The filling for a spicy tuna roll is the fish itself "tuna" (you can get sushi grade tuna at Costco or a local Seafood market), mayo, and a asian hot sauce called Saracha.

I like it spicy so I use about a 2-1 ratio with mayo (I use light mayo) to Saracha. You may want to use less hot sauce (the stuff is hot, just taste a drop of it on your finger). You can pick up the hot sauce at any grocery store under the international foods isle.

Also the rice that is used I believe is basmati rice. 

You have to drain the rice first until the water runs clear and doesn't look cloudy then you can steam it in a steamer. You also have to cool it for an hour or more in your fridge.

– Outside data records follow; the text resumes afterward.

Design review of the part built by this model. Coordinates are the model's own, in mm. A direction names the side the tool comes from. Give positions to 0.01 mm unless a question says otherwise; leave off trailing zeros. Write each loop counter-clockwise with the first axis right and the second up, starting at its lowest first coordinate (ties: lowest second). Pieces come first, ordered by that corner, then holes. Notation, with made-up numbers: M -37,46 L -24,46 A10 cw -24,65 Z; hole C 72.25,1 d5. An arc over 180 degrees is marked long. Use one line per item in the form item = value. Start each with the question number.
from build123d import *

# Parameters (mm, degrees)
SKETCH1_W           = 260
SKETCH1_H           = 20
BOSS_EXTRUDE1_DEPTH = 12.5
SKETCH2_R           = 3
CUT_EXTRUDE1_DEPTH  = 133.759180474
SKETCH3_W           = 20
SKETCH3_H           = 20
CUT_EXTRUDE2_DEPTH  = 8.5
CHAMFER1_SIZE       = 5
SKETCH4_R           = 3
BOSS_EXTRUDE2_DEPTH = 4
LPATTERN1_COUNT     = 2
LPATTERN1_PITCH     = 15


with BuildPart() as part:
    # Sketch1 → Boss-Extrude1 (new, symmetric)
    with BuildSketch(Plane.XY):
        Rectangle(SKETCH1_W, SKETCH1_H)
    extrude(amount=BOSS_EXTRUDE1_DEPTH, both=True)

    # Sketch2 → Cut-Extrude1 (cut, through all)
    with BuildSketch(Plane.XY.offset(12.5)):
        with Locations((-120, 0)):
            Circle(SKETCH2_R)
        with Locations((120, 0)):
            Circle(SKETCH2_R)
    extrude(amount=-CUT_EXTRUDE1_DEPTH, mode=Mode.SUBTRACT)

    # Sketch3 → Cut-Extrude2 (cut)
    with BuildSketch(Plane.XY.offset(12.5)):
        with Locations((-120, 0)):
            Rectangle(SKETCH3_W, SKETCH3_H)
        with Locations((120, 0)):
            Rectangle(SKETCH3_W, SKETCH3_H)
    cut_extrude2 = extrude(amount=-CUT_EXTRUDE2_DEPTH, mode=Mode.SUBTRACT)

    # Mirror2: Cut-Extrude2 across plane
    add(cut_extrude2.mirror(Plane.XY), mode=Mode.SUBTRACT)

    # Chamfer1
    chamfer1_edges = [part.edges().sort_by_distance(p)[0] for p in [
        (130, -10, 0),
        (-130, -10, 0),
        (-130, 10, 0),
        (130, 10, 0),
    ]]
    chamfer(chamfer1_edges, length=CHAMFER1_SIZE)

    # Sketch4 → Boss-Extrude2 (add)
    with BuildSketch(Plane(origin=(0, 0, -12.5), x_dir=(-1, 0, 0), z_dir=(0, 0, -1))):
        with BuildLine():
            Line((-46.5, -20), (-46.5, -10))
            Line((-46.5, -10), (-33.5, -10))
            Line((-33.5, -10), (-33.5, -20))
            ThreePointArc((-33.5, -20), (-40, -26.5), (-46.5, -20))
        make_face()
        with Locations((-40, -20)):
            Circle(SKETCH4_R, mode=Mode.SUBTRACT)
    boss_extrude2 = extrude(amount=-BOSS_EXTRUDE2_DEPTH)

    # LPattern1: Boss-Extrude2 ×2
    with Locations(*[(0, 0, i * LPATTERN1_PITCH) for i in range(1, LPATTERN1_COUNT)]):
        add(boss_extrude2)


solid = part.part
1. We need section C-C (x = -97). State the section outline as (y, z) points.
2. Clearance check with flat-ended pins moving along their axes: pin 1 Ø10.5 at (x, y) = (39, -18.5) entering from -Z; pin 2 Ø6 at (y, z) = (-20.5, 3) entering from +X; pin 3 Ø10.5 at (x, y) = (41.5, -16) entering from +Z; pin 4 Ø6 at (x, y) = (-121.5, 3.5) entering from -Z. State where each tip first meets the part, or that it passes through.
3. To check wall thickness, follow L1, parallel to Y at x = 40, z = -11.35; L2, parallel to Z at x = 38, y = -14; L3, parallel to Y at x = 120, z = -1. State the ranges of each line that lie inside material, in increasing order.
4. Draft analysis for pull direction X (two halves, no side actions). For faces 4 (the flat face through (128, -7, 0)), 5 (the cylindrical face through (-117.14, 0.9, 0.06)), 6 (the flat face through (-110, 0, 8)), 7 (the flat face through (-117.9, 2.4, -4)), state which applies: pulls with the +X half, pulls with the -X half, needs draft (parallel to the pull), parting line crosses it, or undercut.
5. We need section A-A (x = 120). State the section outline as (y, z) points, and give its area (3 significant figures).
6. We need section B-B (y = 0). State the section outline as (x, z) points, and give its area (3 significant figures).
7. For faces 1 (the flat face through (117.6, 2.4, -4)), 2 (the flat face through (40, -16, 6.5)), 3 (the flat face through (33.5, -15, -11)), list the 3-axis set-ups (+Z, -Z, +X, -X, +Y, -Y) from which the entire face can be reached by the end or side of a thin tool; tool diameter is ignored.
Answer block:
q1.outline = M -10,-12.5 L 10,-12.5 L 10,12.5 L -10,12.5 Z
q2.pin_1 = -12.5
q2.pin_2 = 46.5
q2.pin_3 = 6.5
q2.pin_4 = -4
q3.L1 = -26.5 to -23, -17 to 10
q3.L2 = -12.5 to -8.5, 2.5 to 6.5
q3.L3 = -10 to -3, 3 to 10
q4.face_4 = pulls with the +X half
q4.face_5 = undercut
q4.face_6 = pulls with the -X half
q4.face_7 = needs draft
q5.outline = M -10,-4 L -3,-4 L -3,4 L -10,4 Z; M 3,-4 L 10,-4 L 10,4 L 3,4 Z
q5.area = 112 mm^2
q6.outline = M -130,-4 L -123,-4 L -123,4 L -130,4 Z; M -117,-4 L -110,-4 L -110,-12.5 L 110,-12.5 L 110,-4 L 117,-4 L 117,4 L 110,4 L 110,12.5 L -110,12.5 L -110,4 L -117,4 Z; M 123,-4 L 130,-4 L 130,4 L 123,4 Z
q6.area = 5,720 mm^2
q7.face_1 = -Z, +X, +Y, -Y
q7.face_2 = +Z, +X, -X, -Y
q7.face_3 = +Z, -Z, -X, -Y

The rolls you generally see at a sushi restaurant are inside-out rolls which are a little hard to make. You also need to get nori (sea-weed) which you can find in the international foods isle.

You lay the nori down then put a layer of the rice down over the nori. Then depending on if you want a inside-out roll (rice on the outside of the roll) you flip the nori over. 

Add the tuna mixture to the roll. 

You can use a peice of plastic wrap to roll the sushi roll tight and with the plastic wrap on cut the roll into 8 peices. Then remove the plastic and enjoy.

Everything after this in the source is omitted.